Over the longer term - five years or so is mentioned - there are also plans for a stadium in Swords which would operate on the same basis, providing a home for Sporting and an amenity for a population that, in just that one part of Fingal, is set to more than double to around 100,000 within the next 10 years.

Other elements of the scheme include a scholarship scheme with DCU which is at an advanced stage of discussion.

Buckley, meanwhile, would be expected to deliver a club that would, on the one hand, field a team capable of achieving success and, on the other, a structure that would be able to engage with the local community in a way that, say, Dublin City, could never have even envisaged.

With a team of well qualified coaches and facilities as good as anything in the country at their disposal, the idea is that Sporting will provide technical support and guidance to the 60 or so clubs in the area. A particular emphasis is to be placed on working with the local schoolboy outfits and a good relationship has already developed with the North Dublin Schoolboy League.

Buckley, who insists Sporting will not be competing with these clubs for players (the intention is to field senior men's and women's teams as well as under-20 and under-18 men's teams only) sees other possibilities, with the new outfit potentially helping to provide a link between the local game's grassroots and the council or FAI, or co-ordinating centralised purchasing from kit and other equipment suppliers. The ideas simply pour out of him as he talks about what can be achieved in the future.

What he asks in return, he says, is that those involved in the clubs - fellow football people, as he sees it - support Sporting in the most obvious way, by getting along to games and helping them to achieve success.

This is perhaps the most uncertain part of the entire project because at a time that clubs who already have a core support are finding it desperately hard to attract new supporters, there is simply no guarantee that they will be able to put bums on seats. Fingal may have a population of 250,000 which, at least until Bohemians complete their planned move to Harristown, has no other club playing at this level to support but the reality is they are not competing against other clubs for support - they are up against just about everything else people choose to do with their lives.
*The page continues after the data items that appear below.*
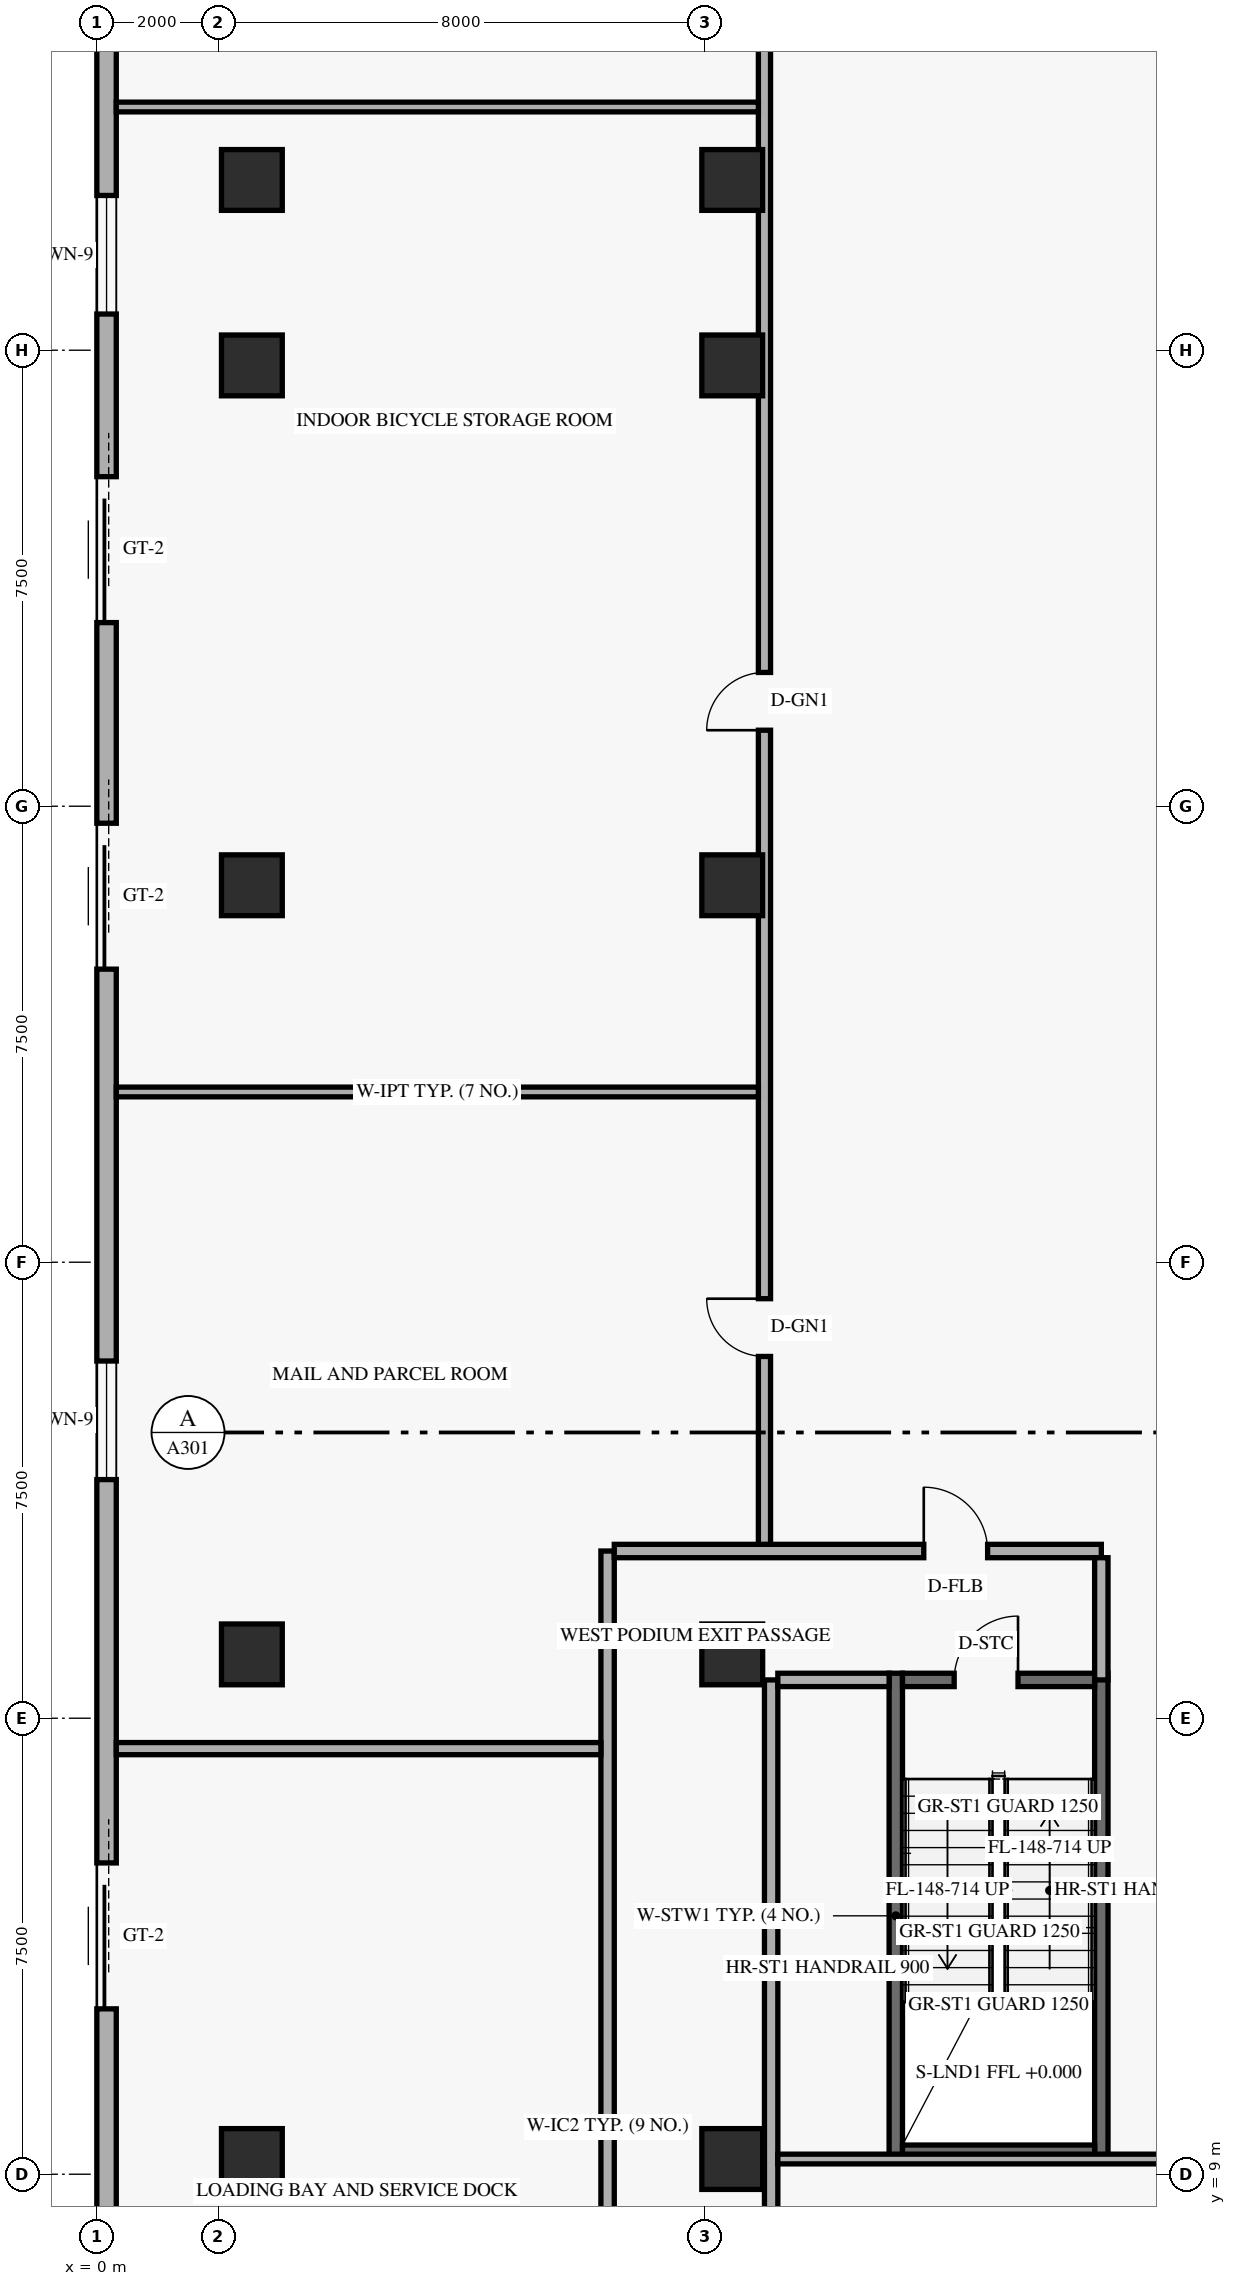
"""IFC4 building model, lengths in metres.
Left out: names, types, materials, properties, quantities, classifications, styles, units other than length and angle.
Written with IfcOpenShell. Run it as: python <this file> out.ifc"""

import sys

from ifc_helpers import new_model, si_unit, direction, frame, frame_2d, origin, origin_2d, place, context, subcontext, project, spatial, rectangle, extrude, element, fill, save


model = new_model("IFC4")
c1 = context("Model", 3, precision=1e-05, world=origin(), true_north=direction((0.0, 1.0)))
c2 = subcontext(c1, "Body", "Model", "MODEL_VIEW")
j1 = project(units=[si_unit("LENGTHUNIT", "METRE"), si_unit("PLANEANGLEUNIT", "RADIAN")], contexts=[c1])
p1 = place(None, origin())
s1 = spatial("IfcSite", under=j1, at=p1, CompositionType="ELEMENT")
p2 = place(p1, origin())
s2 = spatial("IfcBuilding", under=s1, at=p2, CompositionType="ELEMENT")
p3 = place(p2, origin())
s3 = spatial("IfcBuildingStorey", under=s2, at=p3, CompositionType="ELEMENT", Elevation=0.0)
for number, where, z_axis, x_axis in (
    (1, (13.14, 9.26, 0.0), (0.0, 0.0, 1.0), (0.0, 1.0, 0.0)),
    (2, (16.52, 9.26, 0.0), (0.0, 0.0, 1.0), (0.0, 1.0, 0.0)),
):
    element("IfcWall", number, at=place(p3, frame(where, z_axis=z_axis, x_axis=x_axis)), inside=s3, PredefinedType="SHEAR", context=c2, shape_type="SweptSolid", body=[
        extrude(rectangle(XDim=7.98, YDim=0.22, at=frame_2d((3.99, 0.0))), origin(), (0.0, 0.0, 1.0), 4.39),
    ])
p4 = place(p3, frame((13.25, 9.37, 0.0), z_axis=(0.0, 0.0, 1.0), x_axis=(1.0, 0.0, 0.0)))
e3 = element("IfcWall", 3, at=p4, inside=s3, PredefinedType="SHEAR", context=c2, shape_type="SweptSolid", body=[
    extrude(rectangle(XDim=3.16, YDim=0.22, at=frame_2d((1.58, 0.0))), origin(), (0.0, 0.0, 1.0), 4.39),
])
p5 = place(p3, frame((13.25, 17.13, 0.0), z_axis=(0.0, 0.0, 1.0), x_axis=(1.0, 0.0, 0.0)))
e4 = element("IfcWall", 4, at=p5, inside=s3, PredefinedType="SHEAR", context=c2, shape_type="SweptSolid", body=[
    extrude(rectangle(XDim=3.16, YDim=0.22, at=frame_2d((1.58, 0.0))), origin(), (0.0, 0.0, 1.0), 4.39),
])
p6 = place(p5, frame((0.85, 0.0, 0.0)))
e5 = element("IfcOpeningElement", 5, at=p6, cuts=e4, PredefinedType="OPENING", context=c2, shape_type="SweptSolid", body=[
    extrude(rectangle(XDim=1.05, YDim=2.15, at=frame_2d((0.525, 1.075))), frame((0.0, 0.12, 0.0), z_axis=(0.0, -1.0, 0.0), x_axis=(1.0, 0.0, 0.0)), (0.0, 0.0, 1.0), 0.24),
])
for number, where, z_axis, x_axis in (
    (6, (2.55, 9.25, 0.0), (0.0, 0.0, 1.0), (1.0, 0.0, 0.0)),
    (7, (2.55, 17.55, 0.0), (0.0, 0.0, 1.0), (1.0, 0.0, 0.0)),
    (8, (2.55, 30.2, 0.0), (0.0, 0.0, 1.0), (1.0, 0.0, 0.0)),
    (9, (2.55, 38.75, 0.0), (0.0, 0.0, 1.0), (1.0, 0.0, 0.0)),
    (10, (2.55, 41.8, 0.0), (0.0, 0.0, 1.0), (1.0, 0.0, 0.0)),
    (11, (10.45, 9.25, 0.0), (0.0, 0.0, 1.0), (1.0, 0.0, 0.0)),
    (12, (10.45, 17.55, 0.0), (0.0, 0.0, 1.0), (1.0, 0.0, 0.0)),
    (13, (10.45, 30.2, 0.0), (0.0, 0.0, 1.0), (1.0, 0.0, 0.0)),
    (14, (10.45, 38.75, 0.0), (0.0, 0.0, 1.0), (1.0, 0.0, 0.0)),
    (15, (10.45, 41.8, 0.0), (0.0, 0.0, 1.0), (1.0, 0.0, 0.0)),
):
    element("IfcColumn", number, at=place(p3, frame(where, z_axis=z_axis, x_axis=x_axis)), inside=s3, PredefinedType="COLUMN", context=c2, shape_type="SweptSolid", body=[
        extrude(rectangle(XDim=1.0, YDim=1.0, at=origin_2d()), origin(), (0.0, 0.0, 1.0), 4.8),
    ])
p7 = place(p3, frame((0.16, 0.32, 0.0), z_axis=(0.0, 0.0, 1.0), x_axis=(0.0, 1.0, 0.0)))
e16 = element("IfcWall", 16, at=p7, inside=s3, PredefinedType="SOLIDWALL", context=c2, shape_type="SweptSolid", body=[
    extrude(rectangle(XDim=55.16, YDim=0.32, at=frame_2d((27.58, 0.0))), origin(), (0.0, 0.0, 1.0), 4.39),
])
p8 = place(p7, frame((1.5, 0.0, 0.0)))
e17 = element("IfcOpeningElement", 17, at=p8, cuts=e16, PredefinedType="OPENING", context=c2, shape_type="SweptSolid", body=[
    extrude(rectangle(XDim=3.6, YDim=3.5, at=frame_2d((1.8, 1.75))), frame((0.0, 0.17, 0.0), z_axis=(0.0, -1.0, 0.0), x_axis=(1.0, 0.0, 0.0)), (0.0, 0.0, 1.0), 0.34),
])
p9 = place(p7, frame((11.4, 0.0, 0.0)))
e18 = element("IfcOpeningElement", 18, at=p9, cuts=e16, PredefinedType="OPENING", context=c2, shape_type="SweptSolid", body=[
    extrude(rectangle(XDim=2.4, YDim=2.55, at=frame_2d((1.2, 1.275))), frame((0.0, 0.17, 0.0), z_axis=(0.0, -1.0, 0.0), x_axis=(1.0, 0.0, 0.0)), (0.0, 0.0, 1.0), 0.34),
])
p10 = place(p7, frame((28.5, 0.0, 0.0)))
e19 = element("IfcOpeningElement", 19, at=p10, cuts=e16, PredefinedType="OPENING", context=c2, shape_type="SweptSolid", body=[
    extrude(rectangle(XDim=2.4, YDim=2.55, at=frame_2d((1.2, 1.275))), frame((0.0, 0.17, 0.0), z_axis=(0.0, -1.0, 0.0), x_axis=(1.0, 0.0, 0.0)), (0.0, 0.0, 1.0), 0.34),
])
p11 = place(p7, frame((34.2, 0.0, 0.0)))
e20 = element("IfcOpeningElement", 20, at=p11, cuts=e16, PredefinedType="OPENING", context=c2, shape_type="SweptSolid", body=[
    extrude(rectangle(XDim=2.4, YDim=2.55, at=frame_2d((1.2, 1.275))), frame((0.0, 0.17, 0.0), z_axis=(0.0, -1.0, 0.0), x_axis=(1.0, 0.0, 0.0)), (0.0, 0.0, 1.0), 0.34),
])
p12 = place(p7, frame((20.105, 0.0, 0.85)))
e21 = element("IfcOpeningElement", 21, at=p12, cuts=e16, PredefinedType="OPENING", context=c2, shape_type="SweptSolid", body=[
    extrude(rectangle(XDim=1.95, YDim=1.75, at=frame_2d((0.975, 0.875))), frame((0.0, 0.17, 0.0), z_axis=(0.0, -1.0, 0.0), x_axis=(1.0, 0.0, 0.0)), (0.0, 0.0, 1.0), 0.34),
])
p13 = place(p7, frame((39.275, 0.0, 0.85)))
e22 = element("IfcOpeningElement", 22, at=p13, cuts=e16, PredefinedType="OPENING", context=c2, shape_type="SweptSolid", body=[
    extrude(rectangle(XDim=1.95, YDim=1.75, at=frame_2d((0.975, 0.875))), frame((0.0, 0.17, 0.0), z_axis=(0.0, -1.0, 0.0), x_axis=(1.0, 0.0, 0.0)), (0.0, 0.0, 1.0), 0.34),
])
p14 = place(p7, frame((47.945, 0.0, 0.85)))
e23 = element("IfcOpeningElement", 23, at=p14, cuts=e16, PredefinedType="OPENING", context=c2, shape_type="SweptSolid", body=[
    extrude(rectangle(XDim=1.95, YDim=1.75, at=frame_2d((0.975, 0.875))), frame((0.0, 0.17, 0.0), z_axis=(0.0, -1.0, 0.0), x_axis=(1.0, 0.0, 0.0)), (0.0, 0.0, 1.0), 0.34),
])
p15 = place(p3, frame((8.4, 0.32, 0.0), z_axis=(0.0, 0.0, 1.0), x_axis=(0.0, 1.0, 0.0)))
e24 = element("IfcWall", 24, at=p15, inside=s3, PredefinedType="STANDARD", context=c2, shape_type="SweptSolid", body=[
    extrude(rectangle(XDim=18.93, YDim=0.22, at=frame_2d((9.465, 0.0))), origin(), (0.0, 0.0, 1.0), 3.272),
])
p16 = place(p15, frame((4.4, 0.0, 0.0)))
e25 = element("IfcOpeningElement", 25, at=p16, cuts=e24, PredefinedType="OPENING", context=c2, shape_type="SweptSolid", body=[
    extrude(rectangle(XDim=1.0, YDim=2.15, at=frame_2d((0.5, 1.075))), frame((0.0, 0.12, 0.0), z_axis=(0.0, -1.0, 0.0), x_axis=(1.0, 0.0, 0.0)), (0.0, 0.0, 1.0), 0.24),
])
p17 = place(p3, frame((11.09, 0.32, 0.0), z_axis=(0.0, 0.0, 1.0), x_axis=(0.0, 1.0, 0.0)))
e26 = element("IfcWall", 26, at=p17, inside=s3, PredefinedType="STANDARD", context=c2, shape_type="SweptSolid", body=[
    extrude(rectangle(XDim=16.81, YDim=0.22, at=frame_2d((8.405, 0.0))), origin(), (0.0, 0.0, 1.0), 3.761),
])
p18 = place(p3, frame((11.2, 17.13, 0.0), z_axis=(0.0, 0.0, 1.0), x_axis=(1.0, 0.0, 0.0)))
e27 = element("IfcWall", 27, at=p18, inside=s3, PredefinedType="STANDARD", context=c2, shape_type="SweptSolid", body=[
    extrude(rectangle(XDim=1.83, YDim=0.22, at=frame_2d((0.915, 0.0))), origin(), (0.0, 0.0, 1.0), 4.39),
])
p19 = place(p3, frame((8.51, 19.25, 0.0), z_axis=(0.0, 0.0, 1.0), x_axis=(1.0, 0.0, 0.0)))
e28 = element("IfcWall", 28, at=p19, inside=s3, PredefinedType="STANDARD", context=c2, shape_type="SweptSolid", body=[
    extrude(rectangle(XDim=8.01, YDim=0.22, at=frame_2d((4.005, 0.0))), origin(), (0.0, 0.0, 1.0), 3.521),
])
p20 = place(p19, frame((5.09, 0.0, 0.0)))
e29 = element("IfcOpeningElement", 29, at=p20, cuts=e28, PredefinedType="OPENING", context=c2, shape_type="SweptSolid", body=[
    extrude(rectangle(XDim=1.05, YDim=2.15, at=frame_2d((0.525, 1.075))), frame((0.0, 0.12, 0.0), z_axis=(0.0, -1.0, 0.0), x_axis=(1.0, 0.0, 0.0)), (0.0, 0.0, 1.0), 0.24),
])
p21 = place(p3, frame((16.52, 17.13, 0.0), z_axis=(0.0, 0.0, 1.0), x_axis=(0.0, 1.0, 0.0)))
e30 = element("IfcWall", 30, at=p21, inside=s3, PredefinedType="STANDARD", context=c2, shape_type="SweptSolid", body=[
    extrude(rectangle(XDim=2.01, YDim=0.22, at=frame_2d((1.005, 0.0))), origin(), (0.0, 0.0, 1.0), 3.272),
])
p22 = place(p3, frame((10.98, 19.36, 0.0), z_axis=(0.0, 0.0, 1.0), x_axis=(0.0, 1.0, 0.0)))
e31 = element("IfcWall", 31, at=p22, inside=s3, PredefinedType="STANDARD", context=c2, shape_type="SweptSolid", body=[
    extrude(rectangle(XDim=36.12, YDim=0.2, at=frame_2d((18.06, 0.0))), origin(), (0.0, 0.0, 1.0), 3.272),
])
p23 = place(p22, frame((3.09, 0.0, 0.0)))
e32 = element("IfcOpeningElement", 32, at=p23, cuts=e31, PredefinedType="OPENING", context=c2, shape_type="SweptSolid", body=[
    extrude(rectangle(XDim=0.95, YDim=2.15, at=frame_2d((0.475, 1.075))), frame((0.0, 0.11, 0.0), z_axis=(0.0, -1.0, 0.0), x_axis=(1.0, 0.0, 0.0)), (0.0, 0.0, 1.0), 0.22),
])
p24 = place(p22, frame((13.39, 0.0, 0.0)))
e33 = element("IfcOpeningElement", 33, at=p24, cuts=e31, PredefinedType="OPENING", context=c2, shape_type="SweptSolid", body=[
    extrude(rectangle(XDim=0.95, YDim=2.15, at=frame_2d((0.475, 1.075))), frame((0.0, 0.11, 0.0), z_axis=(0.0, -1.0, 0.0), x_axis=(1.0, 0.0, 0.0)), (0.0, 0.0, 1.0), 0.22),
])
p25 = place(p22, frame((27.39, 0.0, 0.0)))
e34 = element("IfcOpeningElement", 34, at=p25, cuts=e31, PredefinedType="OPENING", context=c2, shape_type="SweptSolid", body=[
    extrude(rectangle(XDim=0.95, YDim=2.15, at=frame_2d((0.475, 1.075))), frame((0.0, 0.11, 0.0), z_axis=(0.0, -1.0, 0.0), x_axis=(1.0, 0.0, 0.0)), (0.0, 0.0, 1.0), 0.22),
])
p26 = place(p3, frame((0.32, 16.0, 0.0), z_axis=(0.0, 0.0, 1.0), x_axis=(1.0, 0.0, 0.0)))
e35 = element("IfcWall", 35, at=p26, inside=s3, PredefinedType="STANDARD", context=c2, shape_type="SweptSolid", body=[
    extrude(rectangle(XDim=7.97, YDim=0.2, at=frame_2d((3.985, 0.0))), origin(), (0.0, 0.0, 1.0), 3.761),
])
for number, where, z_axis, x_axis in (
    (36, (0.32, 26.8, 0.0), (0.0, 0.0, 1.0), (1.0, 0.0, 0.0)),
    (37, (0.32, 43.0, 0.0), (0.0, 0.0, 1.0), (1.0, 0.0, 0.0)),
):
    element("IfcWall", number, at=place(p3, frame(where, z_axis=z_axis, x_axis=x_axis)), inside=s3, PredefinedType="PARTITIONING", context=c2, shape_type="SweptSolid", body=[
        extrude(rectangle(XDim=10.56, YDim=0.16, at=frame_2d((5.28, 0.0))), origin(), (0.0, 0.0, 1.0), 3.521),
    ])
p27 = place(p3, frame((11.2, 9.25, 0.0), z_axis=(0.0, 0.0, 1.0), x_axis=(1.0, 0.0, 0.0)))
e38 = element("IfcWall", 38, at=p27, inside=s3, PredefinedType="PARTITIONING", context=c2, shape_type="SweptSolid", body=[
    extrude(rectangle(XDim=12.8, YDim=0.16, at=frame_2d((6.4, 0.0))), origin(), (0.0, 0.0, 1.0), 3.272),
])
p28 = place(p27, frame((7.77, 0.0, 0.0)))
e39 = element("IfcOpeningElement", 39, at=p28, cuts=e38, PredefinedType="OPENING", context=c2, shape_type="SweptSolid", body=[
    extrude(rectangle(XDim=1.15, YDim=2.15, at=frame_2d((0.575, 1.075))), frame((0.0, 0.09, 0.0), z_axis=(0.0, -1.0, 0.0), x_axis=(1.0, 0.0, 0.0)), (0.0, 0.0, 1.0), 0.18),
])
p29 = place(p9, origin())
e40 = element("IfcDoor", 40, at=p29, inside=s3, OperationType="SLIDING_TO_RIGHT", PredefinedType="GATE", context=c2, shape_type="SweptSolid", body=[
    extrude(rectangle(XDim=2.4, YDim=2.55, at=frame_2d((1.2, 1.275))), frame((0.0, 0.025, 0.0), z_axis=(0.0, -1.0, 0.0), x_axis=(1.0, 0.0, 0.0)), (0.0, 0.0, 1.0), 0.05),
])
fill(e18, e40)
p30 = place(p10, origin())
e41 = element("IfcDoor", 41, at=p30, inside=s3, OperationType="SLIDING_TO_LEFT", PredefinedType="GATE", context=c2, shape_type="SweptSolid", body=[
    extrude(rectangle(XDim=2.4, YDim=2.55, at=frame_2d((1.2, 1.275))), frame((0.0, 0.025, 0.0), z_axis=(0.0, -1.0, 0.0), x_axis=(1.0, 0.0, 0.0)), (0.0, 0.0, 1.0), 0.05),
])
fill(e19, e41)
p31 = place(p11, origin())
e42 = element("IfcDoor", 42, at=p31, inside=s3, OperationType="SLIDING_TO_RIGHT", PredefinedType="GATE", context=c2, shape_type="SweptSolid", body=[
    extrude(rectangle(XDim=2.4, YDim=2.55, at=frame_2d((1.2, 1.275))), frame((0.0, 0.025, 0.0), z_axis=(0.0, -1.0, 0.0), x_axis=(1.0, 0.0, 0.0)), (0.0, 0.0, 1.0), 0.05),
])
fill(e20, e42)
p32 = place(p12, origin())
e43 = element("IfcWindow", 43, at=p32, inside=s3, PartitioningType="SINGLE_PANEL", PredefinedType="WINDOW", context=c2, shape_type="SweptSolid", body=[
    extrude(rectangle(XDim=1.95, YDim=1.75, at=frame_2d((0.975, 0.875))), frame((0.0, 0.03, 0.0), z_axis=(0.0, -1.0, 0.0), x_axis=(1.0, 0.0, 0.0)), (0.0, 0.0, 1.0), 0.06),
])
fill(e21, e43)
p33 = place(p13, origin())
e44 = element("IfcWindow", 44, at=p33, inside=s3, PartitioningType="SINGLE_PANEL", PredefinedType="WINDOW", context=c2, shape_type="SweptSolid", body=[
    extrude(rectangle(XDim=1.95, YDim=1.75, at=frame_2d((0.975, 0.875))), frame((0.0, 0.03, 0.0), z_axis=(0.0, -1.0, 0.0), x_axis=(1.0, 0.0, 0.0)), (0.0, 0.0, 1.0), 0.06),
])
fill(e22, e44)
p34 = place(p6, frame((1.05, 0.0, 0.0), z_axis=(0.0, 0.0, 1.0), x_axis=(-1.0, 0.0, 0.0)))
e45 = element("IfcDoor", 45, at=p34, inside=s3, OperationType="SINGLE_SWING_LEFT", PredefinedType="DOOR", context=c2, shape_type="SweptSolid", body=[
    extrude(rectangle(XDim=1.05, YDim=2.15, at=frame_2d((0.525, 1.075))), frame((0.0, 0.025, 0.0), z_axis=(0.0, -1.0, 0.0), x_axis=(1.0, 0.0, 0.0)), (0.0, 0.0, 1.0), 0.05),
])
fill(e5, e45)
p35 = place(p20, origin())
e46 = element("IfcDoor", 46, at=p35, inside=s3, OperationType="SINGLE_SWING_LEFT", PredefinedType="DOOR", context=c2, shape_type="SweptSolid", body=[
    extrude(rectangle(XDim=1.05, YDim=2.15, at=frame_2d((0.525, 1.075))), frame((0.0, 0.025, 0.0), z_axis=(0.0, -1.0, 0.0), x_axis=(1.0, 0.0, 0.0)), (0.0, 0.0, 1.0), 0.05),
])
fill(e29, e46)
p36 = place(p23, origin())
e47 = element("IfcDoor", 47, at=p36, inside=s3, OperationType="SINGLE_SWING_RIGHT", PredefinedType="DOOR", context=c2, shape_type="SweptSolid", body=[
    extrude(rectangle(XDim=0.95, YDim=2.15, at=frame_2d((0.475, 1.075))), frame((0.0, 0.025, 0.0), z_axis=(0.0, -1.0, 0.0), x_axis=(1.0, 0.0, 0.0)), (0.0, 0.0, 1.0), 0.05),
])
fill(e32, e47)
p37 = place(p24, origin())
e48 = element("IfcDoor", 48, at=p37, inside=s3, OperationType="SINGLE_SWING_LEFT", PredefinedType="DOOR", context=c2, shape_type="SweptSolid", body=[
    extrude(rectangle(XDim=0.95, YDim=2.15, at=frame_2d((0.475, 1.075))), frame((0.0, 0.025, 0.0), z_axis=(0.0, -1.0, 0.0), x_axis=(1.0, 0.0, 0.0)), (0.0, 0.0, 1.0), 0.05),
])
fill(e33, e48)
save(model, sys.argv[1])

Key to their success then, is ensuring that local people come to identify sufficiently strongly with a club attempting to represent a administrative area only established a little more than a decade ago that they actually go and see games.

The grassroots work to be done when the planned infrastructure is in place will be central to this but, with things having moved a little more quickly than had been envisaged thus far, having a team worth going to see is an important first step.

With financial backing from Gerry Gannon of Gannon Homes and Malahide United's Gannon Park fame, as well as substantial sponsorship from companies like fruit wholesalers Keeling's, they have already achieved that.

The side that started the club's first home game at Morton Stadium was liberally sprinkled with league winners and other prominent former top-flight players and while they still looked at times like a group getting to know each other, there was little doubt that there was the quality required to at least mount a challenge for promotion at the first attempt.

Admission to the game was free but the attendance, officially put at more than 1,200, was still impressive, while the sense on the day that the crowd comprised a large number of those "football people" Buckley is chasing was unmistakable.

Friday's turnout for the visit of Limerick 37 was smaller, at just short of 500, but still highly respectable in what are clearly very, very early days.

What's important is there is evidence on every front of firm foundations being laid after which, Buckley observes, "if they come, we can build it".